Procrastinators Anonymous is a fellowship of men and women who share their experience, strength and hope with each other that they may solve their common problem and help others to recover from chronic procrastination.

Finishing my Thesis

Hi, I gave a (very long!) introduction in the introductions section - "Pulling myself back from the Brink". (http://procrastinators-anonymous.org/node/4281) I am going to keep a log here of each day. So that I have some encouragement and record of how I am doing with getting to the end of my long due thesis. 

11 August 2012

Most of the day was spent procrastinating watching tv or on the internet. I was worrying about not knowing how to start my final chapter of my thesis. It is 9.30pm now. My behaviour today has cost me $71 in tuition fees today.  

I read the The Little Guide to Un-Procrastination by Leo Babauta. I am have decided to face my fears and conquer this problem slowly but surely. 

I will start working in 10min slots from now for one hour and go to bed by 10.45, so that I can wake up at 6.30 everyday from tomorrow onwards.

Any other academics in here? 

 

13 August 2012

Yesterday I started well, but then i had an impulse to turn on my modem and then i kept surfing internet. I could not control my impulse and nip it in the bud. Then I felt more anxious and I tried to unrationally fix my anxiety by turning on tv. I ended up watching two movies.

When I calmed down by evening and started writing, I was able to write. I learnt that I should fight, fight and not give in to the impulse to cave in, especially when the thought is just forming in my head.

 I can come back at any time. And just do 10mins at a time.

 I was teaching today. My plan is to work from now 4pm onwards - which gives me 5 hours of solid work. I will try and break it down into smallest chunks and deal with just that. Will update tonight or tomorrow morning.  

So I did a little bit of

So I did a little bit of work. I am at 515 words out of approximately 6500 which I have want to finish by Friday. This is the introduction of my thesis, so im meant to write it carefully. But at this point, I think I should be focussing on getting words on paper and then leaving the editing to the end, which is generally bound to be easier.

I haven't been keeping tabs of my 10min slots to monitor my productivity. I think I will start from now. Even if I prorastinate, i will still count the total 10min slots at the end of the day.

It's 8.05pm now , so I will try put in 4 more 10 min slots  (targetting 35 words each) before I take a break and head to the library and borrow out all the books I need for this chapter.

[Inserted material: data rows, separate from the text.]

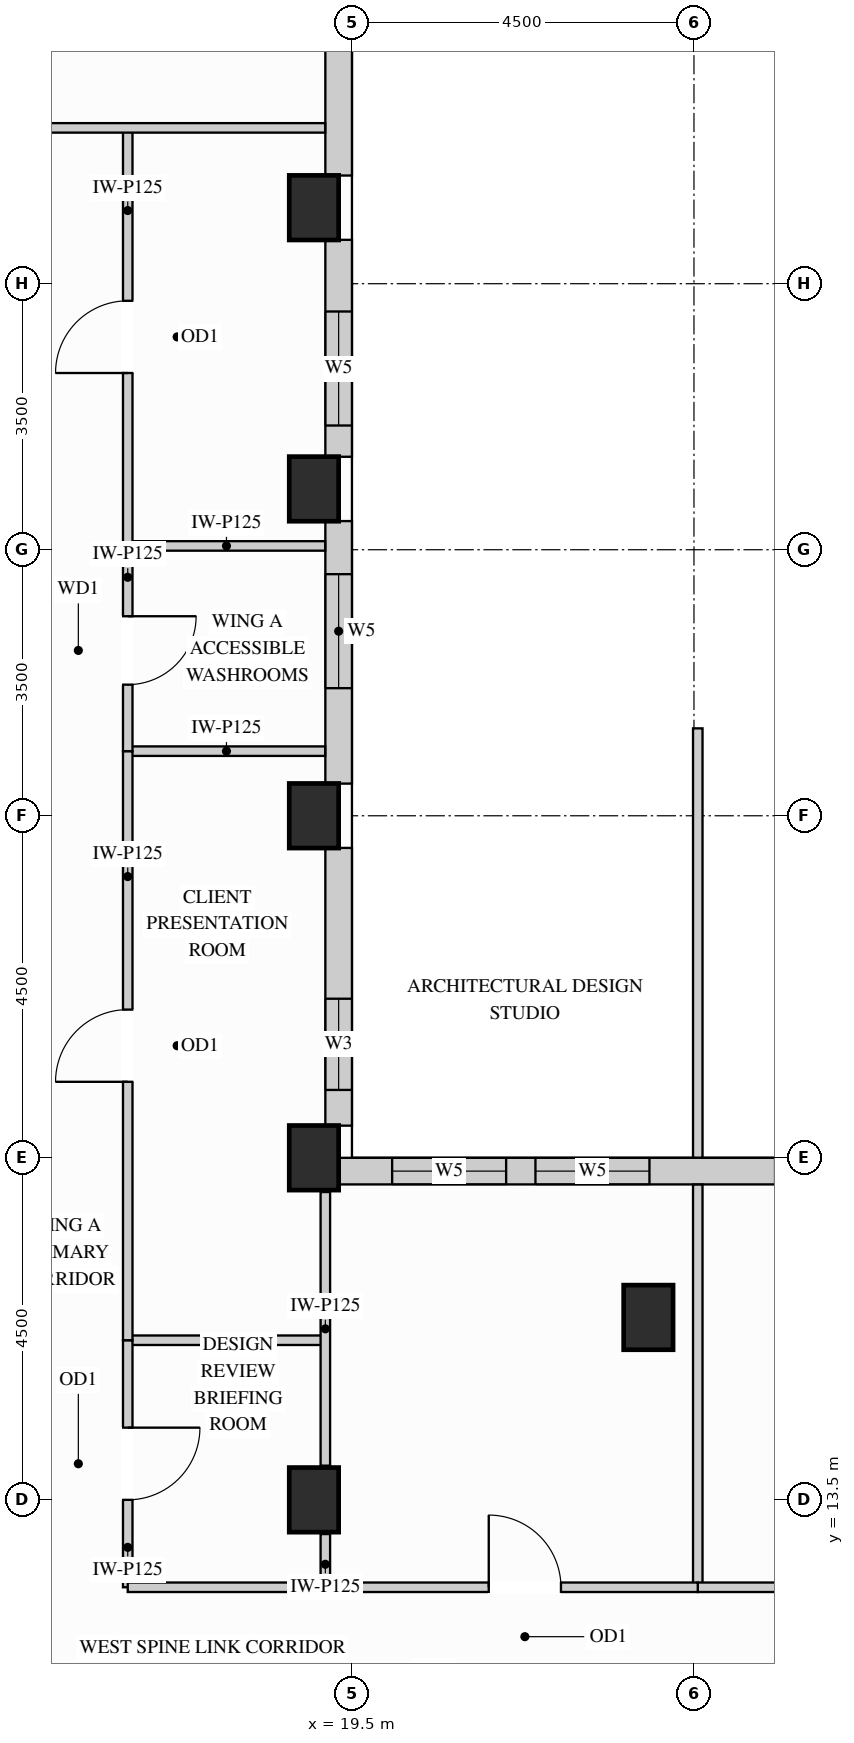
"""IFC4 building model, lengths in metres.
Left out: names, types, materials, properties, quantities, classifications, styles, units other than length and angle.
Written with IfcOpenShell. Run it as: python <this file> out.ifc"""

import sys

from ifc_helpers import new_model, si_unit, direction, frame, frame_2d, origin, origin_2d, place, context, subcontext, project, spatial, rectangle, extrude, source, transform, mapped, element, fill, save


model = new_model("IFC4")
c1 = context("Model", 3, precision=1e-05, world=origin(), true_north=direction((0.0, 1.0)))
c2 = subcontext(c1, "Body", "Model", "MODEL_VIEW")
j1 = project(units=[si_unit("LENGTHUNIT", "METRE"), si_unit("PLANEANGLEUNIT", "RADIAN")], contexts=[c1])
p1 = place(None, origin())
s1 = spatial("IfcSite", under=j1, at=p1, CompositionType="ELEMENT")
p2 = place(p1, origin())
s2 = spatial("IfcBuilding", under=s1, at=p2, CompositionType="ELEMENT")
p3 = place(p2, frame((0.0, 0.0, 219.6)))
s3 = spatial("IfcBuildingStorey", under=s2, at=p3, CompositionType="ELEMENT", Elevation=219.6)
m1 = source(origin(), c2, "Body", "SweptSolid", [
    extrude(rectangle(XDim=0.65, YDim=0.85, at=origin_2d()), origin(), (0.0, 0.0, 1.0), 3.4),
])
for number, where, z_axis, x_axis in (
    (1, (19.0, 13.5, 0.0), (0.0, 0.0, 1.0), (1.0, 0.0, 0.0)),
    (2, (19.0, 18.0, 0.0), (0.0, 0.0, 1.0), (1.0, 0.0, 0.0)),
    (3, (19.0, 22.5, 0.0), (0.0, 0.0, 1.0), (1.0, 0.0, 0.0)),
    (4, (19.0, 26.8, 0.0), (0.0, 0.0, 1.0), (1.0, 0.0, 0.0)),
    (5, (19.0, 30.5, 0.0), (0.0, 0.0, 1.0), (1.0, 0.0, 0.0)),
    (6, (23.4, 15.9, 0.0), (0.0, 0.0, 1.0), (1.0, 0.0, 0.0)),
):
    element("IfcColumn", number, at=place(p3, frame(where, z_axis=z_axis, x_axis=x_axis)), inside=s3, PredefinedType="COLUMN", context=c2, shape_type="MappedRepresentation", body=[
        mapped(m1, transform((0.0, 0.0, 0.0), x_axis=(1.0, 0.0, 0.0), y_axis=(0.0, 1.0, 0.0), z_axis=(0.0, 0.0, 1.0))),
    ])
p4 = place(p3, frame((34.577, 17.825, 0.0), z_axis=(0.0, 0.0, 1.0), x_axis=(-1.0, 0.0, 0.0)))
e7 = element("IfcWall", 7, at=p4, inside=s3, PredefinedType="SOLIDWALL", context=c2, shape_type="SweptSolid", body=[
    extrude(rectangle(XDim=15.254, YDim=0.35, at=frame_2d((7.627, 0.0))), origin(), (0.0, 0.0, 1.0), 3.385),
])
p5 = place(p4, frame((0.706, 0.0, 0.78)))
e8 = element("IfcOpeningElement", 8, at=p5, cuts=e7, PredefinedType="OPENING", context=c2, shape_type="SweptSolid", body=[
    extrude(rectangle(XDim=1.5, YDim=2.0, at=frame_2d((0.75, 1.0))), frame((0.0, 0.185, 0.0), z_axis=(0.0, -1.0, 0.0), x_axis=(1.0, 0.0, 0.0)), (0.0, 0.0, 1.0), 0.37),
])
p6 = place(p4, frame((2.591, 0.0, 0.78)))
e9 = element("IfcOpeningElement", 9, at=p6, cuts=e7, PredefinedType="OPENING", context=c2, shape_type="SweptSolid", body=[
    extrude(rectangle(XDim=1.5, YDim=2.0, at=frame_2d((0.75, 1.0))), frame((0.0, 0.185, 0.0), z_axis=(0.0, -1.0, 0.0), x_axis=(1.0, 0.0, 0.0)), (0.0, 0.0, 1.0), 0.37),
])
p7 = place(p4, frame((5.744, 0.0, 0.78)))
e10 = element("IfcOpeningElement", 10, at=p7, cuts=e7, PredefinedType="OPENING", context=c2, shape_type="SweptSolid", body=[
    extrude(rectangle(XDim=1.5, YDim=2.0, at=frame_2d((0.75, 1.0))), frame((0.0, 0.185, 0.0), z_axis=(0.0, -1.0, 0.0), x_axis=(1.0, 0.0, 0.0)), (0.0, 0.0, 1.0), 0.37),
])
p8 = place(p4, frame((8.01, 0.0, 0.78)))
e11 = element("IfcOpeningElement", 11, at=p8, cuts=e7, PredefinedType="OPENING", context=c2, shape_type="SweptSolid", body=[
    extrude(rectangle(XDim=1.5, YDim=2.0, at=frame_2d((0.75, 1.0))), frame((0.0, 0.185, 0.0), z_axis=(0.0, -1.0, 0.0), x_axis=(1.0, 0.0, 0.0)), (0.0, 0.0, 1.0), 0.37),
])
p9 = place(p4, frame((11.163, 0.0, 0.78)))
e12 = element("IfcOpeningElement", 12, at=p9, cuts=e7, PredefinedType="OPENING", context=c2, shape_type="SweptSolid", body=[
    extrude(rectangle(XDim=1.5, YDim=2.0, at=frame_2d((0.75, 1.0))), frame((0.0, 0.185, 0.0), z_axis=(0.0, -1.0, 0.0), x_axis=(1.0, 0.0, 0.0)), (0.0, 0.0, 1.0), 0.37),
])
p10 = place(p4, frame((13.048, 0.0, 0.78)))
e13 = element("IfcOpeningElement", 13, at=p10, cuts=e7, PredefinedType="OPENING", context=c2, shape_type="SweptSolid", body=[
    extrude(rectangle(XDim=1.5, YDim=2.0, at=frame_2d((0.75, 1.0))), frame((0.0, 0.185, 0.0), z_axis=(0.0, -1.0, 0.0), x_axis=(1.0, 0.0, 0.0)), (0.0, 0.0, 1.0), 0.37),
])
p11 = place(p3, frame((19.325, 18.423, 0.0), z_axis=(0.0, 0.0, 1.0), x_axis=(0.0, 1.0, 0.0)))
e14 = element("IfcWall", 14, at=p11, inside=s3, PredefinedType="SOLIDWALL", context=c2, shape_type="SweptSolid", body=[
    extrude(rectangle(XDim=3.654, YDim=0.35, at=frame_2d((1.827, 0.0))), origin(), (0.0, 0.0, 1.0), 2.619),
])
p12 = place(p11, frame((0.47, 0.0, 0.78)))
e15 = element("IfcOpeningElement", 15, at=p12, cuts=e14, PredefinedType="OPENING", context=c2, shape_type="SweptSolid", body=[
    extrude(rectangle(XDim=1.2, YDim=1.659, at=frame_2d((0.6, 0.83))), frame((0.0, 0.185, 0.0), z_axis=(0.0, -1.0, 0.0), x_axis=(1.0, 0.0, 0.0)), (0.0, 0.0, 1.0), 0.37),
])
p13 = place(p3, frame((19.325, 22.923, 0.0), z_axis=(0.0, 0.0, 1.0), x_axis=(0.0, 1.0, 0.0)))
e16 = element("IfcWall", 16, at=p13, inside=s3, PredefinedType="SOLIDWALL", context=c2, shape_type="SweptSolid", body=[
    extrude(rectangle(XDim=3.454, YDim=0.35, at=frame_2d((1.727, 0.0))), origin(), (0.0, 0.0, 1.0), 2.619),
])
p14 = place(p13, frame((1.256, 0.0, 0.78)))
e17 = element("IfcOpeningElement", 17, at=p14, cuts=e16, PredefinedType="OPENING", context=c2, shape_type="SweptSolid", body=[
    extrude(rectangle(XDim=1.5, YDim=1.659, at=frame_2d((0.75, 0.83))), frame((0.0, 0.185, 0.0), z_axis=(0.0, -1.0, 0.0), x_axis=(1.0, 0.0, 0.0)), (0.0, 0.0, 1.0), 0.37),
])
p15 = place(p3, frame((19.325, 27.223, 0.0), z_axis=(0.0, 0.0, 1.0), x_axis=(0.0, 1.0, 0.0)))
e18 = element("IfcWall", 18, at=p15, inside=s3, PredefinedType="SOLIDWALL", context=c2, shape_type="SweptSolid", body=[
    extrude(rectangle(XDim=2.854, YDim=0.35, at=frame_2d((1.427, 0.0))), origin(), (0.0, 0.0, 1.0), 2.619),
])
p16 = place(p15, frame((0.411, 0.0, 0.78)))
e19 = element("IfcOpeningElement", 19, at=p16, cuts=e18, PredefinedType="OPENING", context=c2, shape_type="SweptSolid", body=[
    extrude(rectangle(XDim=1.5, YDim=1.659, at=frame_2d((0.75, 0.83))), frame((0.0, 0.185, 0.0), z_axis=(0.0, -1.0, 0.0), x_axis=(1.0, 0.0, 0.0)), (0.0, 0.0, 1.0), 0.37),
])
m2 = source(origin(), c2, "Body", "SweptSolid", [
    extrude(rectangle(XDim=3.654, YDim=0.35, at=frame_2d((1.827, 0.0))), origin(), (0.0, 0.0, 1.0), 2.619),
])
p17 = place(p3, frame((19.325, 30.923, 0.0), z_axis=(0.0, 0.0, 1.0), x_axis=(0.0, 1.0, 0.0)))
e20 = element("IfcWall", 20, at=p17, inside=s3, PredefinedType="SOLIDWALL", context=c2, shape_type="MappedRepresentation", body=[
    mapped(m2, transform((0.0, 0.0, 0.0), x_axis=(1.0, 0.0, 0.0), y_axis=(0.0, 1.0, 0.0), z_axis=(0.0, 0.0, 1.0))),
])
m3 = source(origin(), c2, "Body", "SweptSolid", [
    extrude(rectangle(XDim=2.6, YDim=0.125, at=frame_2d((1.3, 0.0))), origin(), (0.0, 0.0, 1.0), 3.385),
])
p18 = place(p3, frame((16.55, 15.6, 0.0), z_axis=(0.0, 0.0, 1.0), x_axis=(1.0, 0.0, 0.0)))
e21 = element("IfcWall", 21, at=p18, inside=s3, PredefinedType="PARTITIONING", context=c2, shape_type="MappedRepresentation", body=[
    mapped(m3, transform((0.0, 0.0, 0.0), x_axis=(1.0, 0.0, 0.0), y_axis=(0.0, 1.0, 0.0), z_axis=(0.0, 0.0, 1.0))),
])
m4 = source(origin(), c2, "Body", "SweptSolid", [
    extrude(rectangle(XDim=2.598, YDim=0.125, at=frame_2d((1.299, 0.0))), origin(), (0.0, 0.0, 1.0), 3.385),
])
for number, where, z_axis, x_axis in (
    (22, (16.55, 23.35, 0.0), (0.0, 0.0, 1.0), (1.0, 0.0, 0.0)),
    (23, (16.55, 26.05, 0.0), (0.0, 0.0, 1.0), (1.0, 0.0, 0.0)),
):
    element("IfcWall", number, at=place(p3, frame(where, z_axis=z_axis, x_axis=x_axis)), inside=s3, PredefinedType="PARTITIONING", context=c2, shape_type="MappedRepresentation", body=[
        mapped(m4, transform((0.0, 0.0, 0.0), x_axis=(1.0, 0.0, 0.0), y_axis=(0.0, 1.0, 0.0), z_axis=(0.0, 0.0, 1.0))),
    ])
m5 = source(origin(), c2, "Body", "SweptSolid", [
    extrude(rectangle(XDim=0.7, YDim=0.125, at=frame_2d((0.35, 0.0))), origin(), (0.0, 0.0, 1.0), 2.773),
])
p19 = place(p3, frame((19.15, 12.35, 0.0), z_axis=(0.0, 0.0, 1.0), x_axis=(0.0, 1.0, 0.0)))
e24 = element("IfcWall", 24, at=p19, inside=s3, PredefinedType="PARTITIONING", context=c2, shape_type="MappedRepresentation", body=[
    mapped(m5, transform((0.0, 0.0, 0.0), x_axis=(1.0, 0.0, 0.0), y_axis=(0.0, 1.0, 0.0), z_axis=(0.0, 0.0, 1.0))),
])
m6 = source(origin(), c2, "Body", "SweptSolid", [
    extrude(rectangle(XDim=3.6, YDim=0.125, at=frame_2d((1.8, 0.0))), origin(), (0.0, 0.0, 1.0), 2.773),
])
p20 = place(p3, frame((19.15, 13.95, 0.0), z_axis=(0.0, 0.0, 1.0), x_axis=(0.0, 1.0, 0.0)))
e25 = element("IfcWall", 25, at=p20, inside=s3, PredefinedType="PARTITIONING", context=c2, shape_type="MappedRepresentation", body=[
    mapped(m6, transform((0.0, 0.0, 0.0), x_axis=(1.0, 0.0, 0.0), y_axis=(0.0, 1.0, 0.0), z_axis=(0.0, 0.0, 1.0))),
])
p21 = place(p3, frame((16.55, 12.35, 0.0), z_axis=(0.0, 0.0, 1.0), x_axis=(0.0, 1.0, 0.0)))
e26 = element("IfcWall", 26, at=p21, inside=s3, PredefinedType="PARTITIONING", context=c2, shape_type="SweptSolid", body=[
    extrude(rectangle(XDim=3.25, YDim=0.125, at=frame_2d((1.625, 0.0))), origin(), (0.0, 0.0, 1.0), 3.385),
])
p22 = place(p21, frame((1.15, 0.0, 0.0)))
e27 = element("IfcOpeningElement", 27, at=p22, cuts=e26, PredefinedType="OPENING", context=c2, shape_type="SweptSolid", body=[
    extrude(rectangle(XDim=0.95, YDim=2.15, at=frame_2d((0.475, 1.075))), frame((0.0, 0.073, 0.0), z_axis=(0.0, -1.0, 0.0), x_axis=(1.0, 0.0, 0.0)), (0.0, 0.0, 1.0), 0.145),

Update: Yay it's 9.05pm and I managed to put in 4 slots of 10 mins of work with a few minutes break in between. I'm so impressed by myself. It actually felt good as I ticked off 4 10min slots one after another. Excited and hopeful! I'm going to get some dinner and books from library. I will put in another 5 10 min slots tonight before heading home.  

 

unplug that modem

Hi thesis.I so feel for you - I used to be hooked on an online roleplaying game, and it got in the way of all sorts of things I needed to do.  One thing that helped was when I had a task that I really HAD to do, I used to remove the cable from the modem to the computer and hide it at the back of a cupboard so I would only be able to get back online once I'd gone to the trouble of getting it all plugged in again.  I don't know if it would help for you

 

H.

Hi Hypatia, I do that

Hi Hypatia, I do that sometimes, but the problem is most of my research work requires accessing academic articles, google books online. I now use a software called stayfocusd on google chrome to block all unncessary sites like youtube, familiar news sites etc, but i still get on random news sites that i hvnt blocked by searching for stuff on google when i really am propelled (it seems) by the urge to procrastinate. 

I will unplug the cable for the TV though tonight.  

12 August 2012

I couldn't get out of bed till 7.30 although I slept on time. I started work by 8.30. I did 3 10 min slots and then got distracted. it is 10.45am now.

 I was feeling anxious about the whole pile of work and tuitiion fees due to my procrastination and then I tried to fix that anxiety by turning on the internet. It did not make me feel better. I only feel better when I finish each 10 min slots. Trying to feel better by surfing internet is like trying to cool down by holding a piece of hot coal in my hand. Go back and see your bliss. Your bliss is in those 10mins. You feel good after each 10 mins. Nothing else matters.

 I am going to go and work on one 10 min slot now. That is easy. 

11 August 2012

Well, after usually wasting whole day, I would feel desperate, terrible, anxious and sometimes almost in tears at the end of the day.

Today my determination to make a change made me productive even if it was for two 10 min slots with dinner sandwiched between. I wrote 130 words and have a beginning to the introduction of my thesis!

This strategy seems like a keeper - I have decided to write it by long hand and then copy verbatim on to Word without making any changes. Any changes will be made at the end, so I don't get stuck and can get as many words on paper as possible.

Facing my fears through 10 min slots. It made me feel reallly good to concentrate fully for 10mts. Tomorrow starts at 6.30pm. I will write 35 words every 10mts.